Cheesy Twice Baked Potatoes

When my teenage sons were young they used to love spending time in the kitchen cooking with me. Somewhere around age ten, the interest waned in favour of hanging out with their friends, something I completely expected as they entered the pre-teen years. I didn’t push them to continue cooking with me because, as we all know, the more you force kids to do something, the less likely they are to want to do it, and I certainly didn’t want cooking to fall into that category. So, I exempted them from their culinary duties for a few years while they grew up, and designated other household jobs to them, yet welcomed them into the kitchen with open arms if they decided they wanted to be part of a baking project or other kitchen creation I was working on.
Now that they are on track to being the biggest people in our home (and currently eat more than my husband and I combined), I’ve decided it’s time to get them back into the kitchen so they can learn to feed themselves the food required to keep them satiated and satisfied. This summer they’ve been in charge of various meals, and because they are home on their own a little more often than they used to be, they’ve been using the KitchenAid® Convection Digital Countertop Oven in lieu of our regular oven as they are more comfortable with this countertop appliance when there isn’t an adult at home. Delivering full-size oven performance on the countertop, I’m thrilled that my kids can create a nutritious and delicious meal for themselves and their friends without the need for parental supervision.

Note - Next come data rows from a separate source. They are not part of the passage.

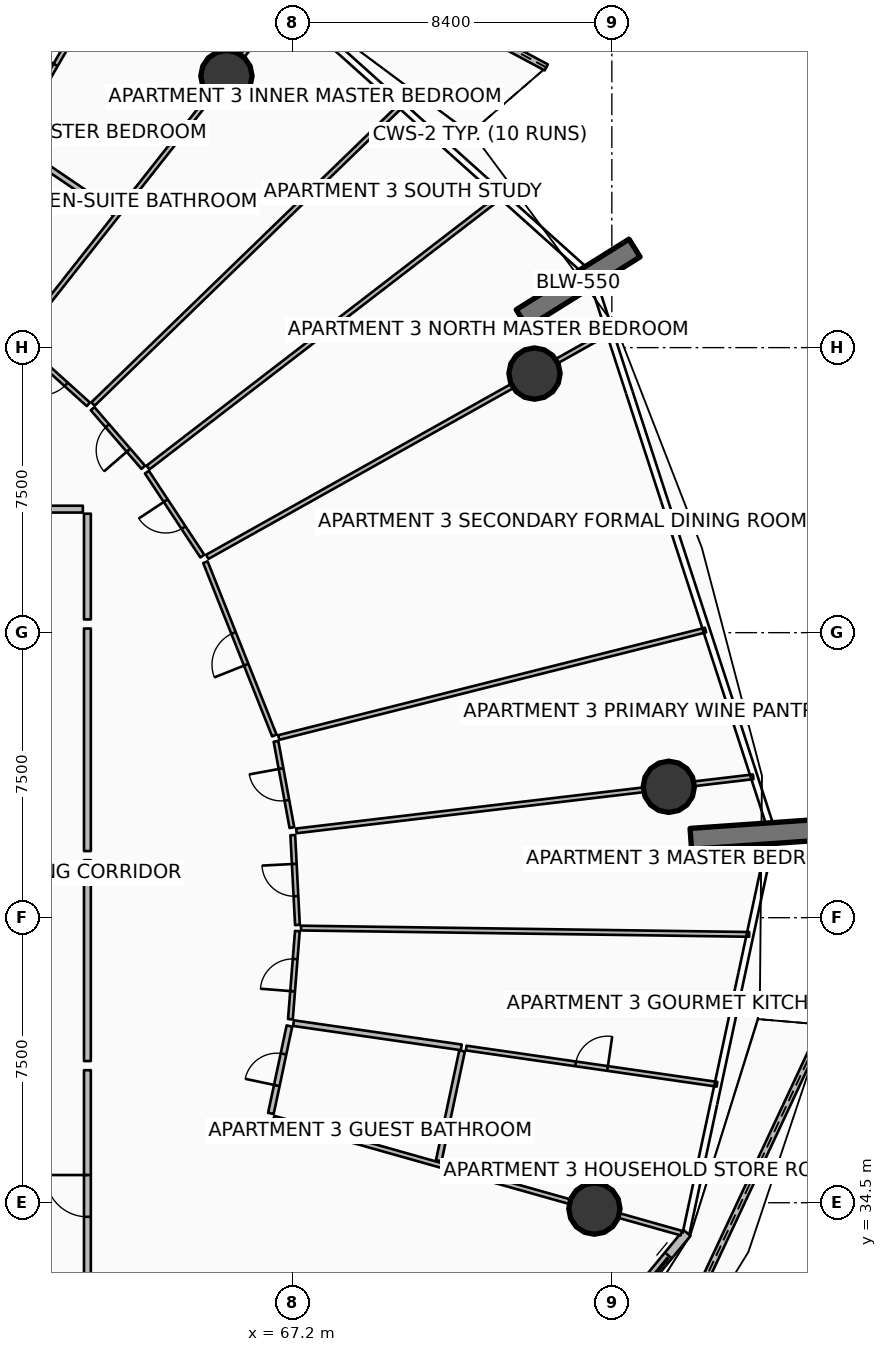
"""IFC4 building model, lengths in metres.
Left out: names, types, materials, properties, quantities, classifications, styles, units other than length and angle.
Written with IfcOpenShell. Run it as: python <this file> out.ifc"""

import sys

from ifc_helpers import new_model, si_unit, direction, frame, frame_2d, origin, origin_2d, place, context, subcontext, project, spatial, polyline, rectangle, circle, outline, extrude, element, fill, save


model = new_model("IFC4")
c1 = context("Model", 3, precision=1e-05, world=origin(), true_north=direction((0.0, 1.0)))
c2 = subcontext(c1, "Body", "Model", "MODEL_VIEW")
j1 = project(units=[si_unit("LENGTHUNIT", "METRE"), si_unit("PLANEANGLEUNIT", "RADIAN")], contexts=[c1])
p1 = place(None, origin())
s1 = spatial("IfcSite", under=j1, at=p1, CompositionType="ELEMENT")
p2 = place(p1, origin())
s2 = spatial("IfcBuilding", under=s1, at=p2, CompositionType="ELEMENT")
p3 = place(p2, frame((0.0, 0.0, 45.15)))
s3 = spatial("IfcBuildingStorey", under=s2, at=p3, CompositionType="ELEMENT", Elevation=45.15)
for number, where, z_axis, x_axis in (
    (1, (73.23, 57.765, 0.0), (0.0, 0.0, 1.0), (0.848, 0.53, 0.0)),
    (2, (77.678, 44.075, 0.0), (0.0, 0.0, 1.0), (0.998, 0.07, 0.0)),
):
    element("IfcWall", number, at=place(p3, frame(where, z_axis=z_axis, x_axis=x_axis)), inside=s3, PredefinedType="SOLIDWALL", context=c2, shape_type="SweptSolid", body=[
        extrude(rectangle(XDim=3.5, YDim=0.55, at=frame_2d((1.75, 0.0))), origin(), (0.0, 0.0, 1.0), 3.75),
    ])
for number, where, z_axis, x_axis in (
    (3, (73.565, 56.317, 0.0), (0.0, 0.0, 1.0), (1.0, 0.0, 0.0)),
    (4, (65.458, 64.146, 0.0), (0.0, 0.0, 1.0), (1.0, 0.0, 0.0)),
    (5, (75.141, 34.345, 0.0), (0.0, 0.0, 1.0), (1.0, 0.0, 0.0)),
    (6, (77.098, 45.444, 0.0), (0.0, 0.0, 1.0), (1.0, 0.0, 0.0)),
):
    element("IfcColumn", number, at=place(p3, frame(where, z_axis=z_axis, x_axis=x_axis)), inside=s3, PredefinedType="COLUMN", context=c2, shape_type="SweptSolid", body=[
        extrude(circle(Radius=0.675, at=origin_2d()), origin(), (0.0, 0.0, 1.0), 3.5),
    ])
p4 = place(p3, frame((73.874, 64.373, 0.0), z_axis=(0.0, 0.0, 1.0), x_axis=(-0.881385944807, 0.472396884301, 0.0)))
e7 = element("IfcWall", 7, at=p4, inside=s3, PredefinedType="PARAPET", context=c2, shape_type="SweptSolid", body=[
    extrude(outline(polyline([(0.0, 0.0), (12.779, 0.0), (12.779, 1.632), (6.39, 1.798), (0.0, 1.86), (0.0, 0.0)])), frame((0.0, 0.09, 0.0), z_axis=(0.0, -1.0, 0.0), x_axis=(1.0, 0.0, 0.0)), (0.0, 0.0, 1.0), 0.18),
])
p5 = place(p3, frame((75.912, 27.913, 0.0), z_axis=(0.0, 0.0, 1.0), x_axis=(0.424187605295, 0.905574334615, 0.0)))
e8 = element("IfcWall", 8, at=p5, inside=s3, PredefinedType="PARAPET", context=c2, shape_type="SweptSolid", body=[
    extrude(outline(polyline([(0.0, 0.0), (12.446, 0.0), (12.446, 1.224), (6.223, 1.127), (0.0, 1.148), (0.0, 0.0)])), frame((0.0, 0.09, 0.0), z_axis=(0.0, -1.0, 0.0), x_axis=(1.0, 0.0, 0.0)), (0.0, 0.0, 1.0), 0.18),
])
p6 = place(p3, frame((70.033, 24.567, 0.0), z_axis=(0.0, 0.0, 1.0), x_axis=(0.636674332663, 0.771132799281, 0.0)))
e9 = element("IfcWall", 9, at=p6, inside=s3, PredefinedType="SOLIDWALL", context=c2, shape_type="SweptSolid", body=[
    extrude(rectangle(XDim=11.851, YDim=0.24, at=frame_2d((5.926, 0.0))), origin(), (0.0, 0.0, 1.0), 2.45),
])
p7 = place(p6, frame((9.631, 0.0, 0.0)))
e10 = element("IfcOpeningElement", 10, at=p7, cuts=e9, PredefinedType="OPENING", context=c2, shape_type="SweptSolid", body=[
    extrude(rectangle(XDim=1.45, YDim=2.15, at=frame_2d((0.725, 1.075))), frame((0.0, 0.13, 0.0), z_axis=(0.0, -1.0, 0.0), x_axis=(1.0, 0.0, 0.0)), (0.0, 0.0, 1.0), 0.26),
])
p8 = place(p6, frame((0.28, 0.0, 0.65)))
e11 = element("IfcOpeningElement", 11, at=p8, cuts=e9, PredefinedType="OPENING", context=c2, shape_type="SweptSolid", body=[
    extrude(rectangle(XDim=1.6, YDim=1.5, at=frame_2d((0.8, 0.75))), frame((0.0, 0.13, 0.0), z_axis=(0.0, -1.0, 0.0), x_axis=(1.0, 0.0, 0.0)), (0.0, 0.0, 1.0), 0.26),
])
p9 = place(p3, frame((61.8, 31.37, 0.0), z_axis=(0.0, 0.0, 1.0), x_axis=(0.0, 1.0, 0.0)))
e12 = element("IfcWall", 12, at=p9, inside=s3, PredefinedType="PARTITIONING", context=c2, shape_type="SweptSolid", body=[
    extrude(rectangle(XDim=6.618, YDim=0.18, at=frame_2d((3.309, 0.0))), origin(), (0.0, 0.0, 1.0), 2.867),
])
p10 = place(p9, frame((2.759, 0.0, 0.0)))
e13 = element("IfcOpeningElement", 13, at=p10, cuts=e12, PredefinedType="OPENING", context=c2, shape_type="SweptSolid", body=[
    extrude(rectangle(XDim=1.1, YDim=2.1, at=frame_2d((0.55, 1.05))), frame((0.0, 0.1, 0.0), z_axis=(0.0, -1.0, 0.0), x_axis=(1.0, 0.0, 0.0)), (0.0, 0.0, 1.0), 0.2),
])
p11 = place(p3, frame((61.8, 38.228, 0.0), z_axis=(0.0, 0.0, 1.0), x_axis=(0.0, 1.0, 0.0)))
e14 = element("IfcWall", 14, at=p11, inside=s3, PredefinedType="PARTITIONING", context=c2, shape_type="SweptSolid", body=[
    extrude(rectangle(XDim=5.285, YDim=0.18, at=frame_2d((2.643, 0.0))), origin(), (0.0, 0.0, 1.0), 2.867),
])
p12 = place(p3, frame((66.703, 36.725, 0.0), z_axis=(0.0, 0.0, 1.0), x_axis=(0.962456868727, -0.271434662195, 0.0)))
e15 = element("IfcWall", 15, at=p12, inside=s3, PredefinedType="PARTITIONING", context=c2, shape_type="SweptSolid", body=[
    extrude(rectangle(XDim=11.141, YDim=0.125, at=frame_2d((5.571, 0.0))), origin(), (0.0, 0.0, 1.0), 2.867),
])
p13 = place(p3, frame((66.628, 36.85, 0.0), z_axis=(0.0, 0.0, 1.0), x_axis=(0.207543347309, 0.978225822082, 0.0)))
e16 = element("IfcWall", 16, at=p13, inside=s3, PredefinedType="PARTITIONING", context=c2, shape_type="SweptSolid", body=[
    extrude(rectangle(XDim=2.352, YDim=0.15, at=frame_2d((1.176, 0.0))), origin(), (0.0, 0.0, 1.0), 2.867),
])
p14 = place(p13, frame((0.751, 0.0, 0.0)))
e17 = element("IfcOpeningElement", 17, at=p14, cuts=e16, PredefinedType="OPENING", context=c2, shape_type="SweptSolid", body=[
    extrude(rectangle(XDim=0.85, YDim=2.06, at=frame_2d((0.425, 1.03))), frame((0.0, 0.085, 0.0), z_axis=(0.0, -1.0, 0.0), x_axis=(1.0, 0.0, 0.0)), (0.0, 0.0, 1.0), 0.17),
])
p15 = place(p3, frame((71.046, 35.604, 0.0), z_axis=(0.0, 0.0, 1.0), x_axis=(0.207542541756, 0.97822599299, 0.0)))
e18 = element("IfcWall", 18, at=p15, inside=s3, PredefinedType="PARTITIONING", context=c2, shape_type="SweptSolid", body=[
    extrude(rectangle(XDim=2.955, YDim=0.15, at=frame_2d((1.478, 0.0))), origin(), (0.0, 0.0, 1.0), 2.867),
])
p16 = place(p3, frame((67.224, 39.226, 0.0), z_axis=(0.0, 0.0, 1.0), x_axis=(0.989741519473, -0.142869607092, 0.0)))
e19 = element("IfcWall", 19, at=p16, inside=s3, PredefinedType="PARTITIONING", context=c2, shape_type="SweptSolid", body=[
    extrude(rectangle(XDim=4.46, YDim=0.15, at=frame_2d((2.23, 0.0))), origin(), (0.0, 0.0, 1.0), 2.94),
])
p17 = place(p3, frame((71.767, 38.57, 0.0), z_axis=(0.0, 0.0, 1.0), x_axis=(0.989747166196, -0.142830483468, 0.0)))
e20 = element("IfcWall", 20, at=p17, inside=s3, PredefinedType="PARTITIONING", context=c2, shape_type="SweptSolid", body=[
    extrude(rectangle(XDim=6.67, YDim=0.125, at=frame_2d((3.335, 0.0))), origin(), (0.0, 0.0, 1.0), 2.94),
])
p18 = place(p17, frame((2.91, 0.0, 0.0)))
e21 = element("IfcOpeningElement", 21, at=p18, cuts=e20, PredefinedType="OPENING", context=c2, shape_type="SweptSolid", body=[
    extrude(rectangle(XDim=0.85, YDim=2.06, at=frame_2d((0.425, 1.03))), frame((0.0, 0.073, 0.0), z_axis=(0.0, -1.0, 0.0), x_axis=(1.0, 0.0, 0.0)), (0.0, 0.0, 1.0), 0.145),
])
p19 = place(p3, frame((67.421, 41.727, 0.0), z_axis=(0.0, 0.0, 1.0), x_axis=(0.999900926594, -0.014076114402, 0.0)))
e22 = element("IfcWall", 22, at=p19, inside=s3, PredefinedType="PARTITIONING", context=c2, shape_type="SweptSolid", body=[
    extrude(rectangle(XDim=11.794, YDim=0.125, at=frame_2d((5.897, 0.0))), origin(), (0.0, 0.0, 1.0), 2.94),
])
p20 = place(p3, frame((67.142, 39.328, 0.0), z_axis=(0.0, 0.0, 1.0), x_axis=(0.078573538032, 0.996908320319, 0.0)))
e23 = element("IfcWall", 23, at=p20, inside=s3, PredefinedType="PARTITIONING", context=c2, shape_type="SweptSolid", body=[
    extrude(rectangle(XDim=2.327, YDim=0.125, at=frame_2d((1.164, 0.0))), origin(), (0.0, 0.0, 1.0), 2.94),
])
p21 = place(p20, frame((0.739, 0.0, 0.0)))
e24 = element("IfcOpeningElement", 24, at=p21, cuts=e23, PredefinedType="OPENING", context=c2, shape_type="SweptSolid", body=[
    extrude(rectangle(XDim=0.85, YDim=2.06, at=frame_2d((0.425, 1.03))), frame((0.0, 0.073, 0.0), z_axis=(0.0, -1.0, 0.0), x_axis=(1.0, 0.0, 0.0)), (0.0, 0.0, 1.0), 0.145),
])
p22 = place(p3, frame((67.327, 41.808, 0.0), z_axis=(0.0, 0.0, 1.0), x_axis=(-0.05186073985, 0.998654326412, 0.0)))
e25 = element("IfcWall", 25, at=p22, inside=s3, PredefinedType="PARTITIONING", context=c2, shape_type="SweptSolid", body=[
    extrude(rectangle(XDim=2.368, YDim=0.125, at=frame_2d((1.184, 0.0))), origin(), (0.0, 0.0, 1.0), 2.867),
])
p23 = place(p22, frame((0.759, 0.0, 0.0)))
e26 = element("IfcOpeningElement", 26, at=p23, cuts=e25, PredefinedType="OPENING", context=c2, shape_type="SweptSolid", body=[
    extrude(rectangle(XDim=0.85, YDim=2.06, at=frame_2d((0.425, 1.03))), frame((0.0, 0.073, 0.0), z_axis=(0.0, -1.0, 0.0), x_axis=(1.0, 0.0, 0.0)), (0.0, 0.0, 1.0), 0.145),
])
p24 = place(p3, frame((61.8, 43.753, 0.0), z_axis=(0.0, 0.0, 1.0), x_axis=(0.0, 1.0, 0.0)))
e27 = element("IfcWall", 27, at=p24, inside=s3, PredefinedType="PARTITIONING", context=c2, shape_type="SweptSolid", body=[
    extrude(rectangle(XDim=5.855, YDim=0.18, at=frame_2d((2.927, 0.0))), origin(), (0.0, 0.0, 1.0), 2.867),
])
p25 = place(p3, frame((67.298, 44.284, 0.0), z_axis=(0.0, 0.0, 1.0), x_axis=(0.993068589749, 0.117536275483, 0.0)))
e28 = element("IfcWall", 28, at=p25, inside=s3, PredefinedType="PARTITIONING", context=c2, shape_type="SweptSolid", body=[
    extrude(rectangle(XDim=12.106, YDim=0.125, at=frame_2d((6.053, 0.0))), origin(), (0.0, 0.0, 1.0), 2.867),
])
p26 = place(p3, frame((66.835, 46.742, 0.0), z_axis=(0.0, 0.0, 1.0), x_axis=(0.96974434054, 0.244122743698, 0.0)))
e29 = element("IfcWall", 29, at=p26, inside=s3, PredefinedType="PARTITIONING", context=c2, shape_type="SweptSolid", body=[
    extrude(rectangle(XDim=11.58, YDim=0.125, at=frame_2d((5.79, 0.0))), origin(), (0.0, 0.0, 1.0), 2.94),
])
p27 = place(p3, frame((67.181, 44.371, 0.0), z_axis=(0.0, 0.0, 1.0), x_axis=(-0.181165121265, 0.98345269273, 0.0)))
e30 = element("IfcWall", 30, at=p27, inside=s3, PredefinedType="PARTITIONING", context=c2, shape_type="SweptSolid", body=[
    extrude(rectangle(XDim=2.308, YDim=0.125, at=frame_2d((1.154, 0.0))), origin(), (0.0, 0.0, 1.0), 2.867),
])
p28 = place(p27, frame((0.729, 0.0, 0.0)))
e31 = element("IfcOpeningElement", 31, at=p28, cuts=e30, PredefinedType="OPENING", context=c2, shape_type="SweptSolid", body=[
    extrude(rectangle(XDim=0.85, YDim=2.06, at=frame_2d((0.425, 1.03))), frame((0.0, 0.073, 0.0), z_axis=(0.0, -1.0, 0.0), x_axis=(1.0, 0.0, 0.0)), (0.0, 0.0, 1.0), 0.145),
])
p29 = place(p3, frame((66.719, 46.794, 0.0), z_axis=(0.0, 0.0, 1.0), x_axis=(-0.369571376039, 0.929202345032, 0.0)))
e32 = element("IfcWall", 32, at=p29, inside=s3, PredefinedType="PARTITIONING", context=c2, shape_type="SweptSolid", body=[
    extrude(rectangle(XDim=4.907, YDim=0.125, at=frame_2d((2.454, 0.0))), origin(), (0.0, 0.0, 1.0), 2.867),
])
p30 = place(p29, frame((2.004, 0.0, 0.0)))
e33 = element("IfcOpeningElement", 33, at=p30, cuts=e32, PredefinedType="OPENING", context=c2, shape_type="SweptSolid", body=[
    extrude(rectangle(XDim=0.9, YDim=2.08, at=frame_2d((0.45, 1.04))), frame((0.0, 0.073, 0.0), z_axis=(0.0, -1.0, 0.0), x_axis=(1.0, 0.0, 0.0)), (0.0, 0.0, 1.0), 0.145),
])
p31 = place(p3, frame((61.8, 49.848, 0.0), z_axis=(0.0, 0.0, 1.0), x_axis=(0.0, 1.0, 0.0)))
e34 = element("IfcWall", 34, at=p31, inside=s3, PredefinedType="PARTITIONING", context=c2, shape_type="SweptSolid", body=[
    extrude(rectangle(XDim=2.781, YDim=0.18, at=frame_2d((1.391, 0.0))), origin(), (0.0, 0.0, 1.0), 2.867),
])
p32 = place(p3, frame((61.68, 52.75, 0.0), z_axis=(0.0, 0.0, 1.0), x_axis=(-1.0, 0.0, 0.0)))
e35 = element("IfcWall", 35, at=p32, inside=s3, PredefinedType="PARTITIONING", context=c2, shape_type="SweptSolid", body=[
    extrude(rectangle(XDim=5.085, YDim=0.18, at=frame_2d((2.543, 0.0))), origin(), (0.0, 0.0, 1.0), 2.867),
])
p33 = place(p3, frame((64.955, 51.495, 0.0), z_axis=(0.0, 0.0, 1.0), x_axis=(0.872499825659, 0.488614422857, 0.0)))
e36 = element("IfcWall", 36, at=p33, inside=s3, PredefinedType="PARTITIONING", context=c2, shape_type="SweptSolid", body=[
    extrude(rectangle(XDim=12.106, YDim=0.125, at=frame_2d((6.053, 0.0))), origin(), (0.0, 0.0, 1.0), 2.867),
])
p34 = place(p3, frame((63.394, 53.844, 0.0), z_axis=(0.0, 0.0, 1.0), x_axis=(0.792561224619, 0.609792345992, 0.0)))
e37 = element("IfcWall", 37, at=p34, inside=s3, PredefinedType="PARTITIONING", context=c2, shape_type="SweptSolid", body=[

Part of keeping my kids interested in cooking is teaching them to make the foods they want to eat. They’ve already mastered crunchy baked chicken wings (just as tasty but much healthier than the traditional deep-fried variety) and now we’ve added twice baked potatoes to their countertop-cooking repertoire.
The beauty of this type of potato dish is that they can be made in advance and stored in the freezer until needed. The potatoes can be baked in the KitchenAid® Convection Digital Countertop Oven, a mostly hands-off activity, and once filled with the cheesy mashed potato mixture, they can be returned to the oven to be baked for a second time, or frozen and saved for another day. My kids like to come home, pull them from the freezer and pop them in the stainless steel countertop oven when they’re looking for a late afternoon snack. I’m thinking this will be perfect once they’re back in school and they come home looking for something filling after football and/or hockey practice, or when they’re in need of a late night study snack.
Cheesy Twice Baked Potatoes
Ingredients:4 medium russet potatoes, scrubbed
2 tablespoons canola oil
½ cup salted butter, softened
2 slices bacon, cooked and crumbled
½ cup sour cream
½ cup shredded Monterrey Jack cheese
½ cup shredded cheddar, plus extra for the tops of the potatoes
¼ cup milk
½ - 1 teaspoon salt
½ teaspoon fresh ground pepper
1 green onion, thinly sliced
Directions:
Preheat the oven to oven to 400 °F.
Place the potatoes on the KitchenAid® Convection Digital Countertop Oven baking pan. Rub them with the canola oil, pierce them a few times with a fork, and bake for 45-60 minutes, making sure a knife can slide easily into the centre of the potatoes.
While the potatoes are baking, combine the softened butter, crumbled bacon and sour cream in a large mixing bowl.
Remove the potatoes from the oven and allow them to cool enough so that they can be handled. Lower the oven heat to 350°F.
With a sharp knife, cut each potato in half lengthwise. Scrap out the insides, taking care not to tear the shell, and add them to the mixing bowl. Place the hollowed out potato shells back on the baking pan.
Mash the potatoes into the butter mixture. Add the cheeses, milk, salt and pepper and mix together well. (If you plan to freeze the twice-baked potatoes you can do so at this point – turn the oven off and place the potato shells in an airtight container).
Fill the shells with the filling, heaping it so they look full. Top each potato with a little extra cheese and bake for 20-30 minutes or until completely warmed through. Top with sliced green onions and serve warm.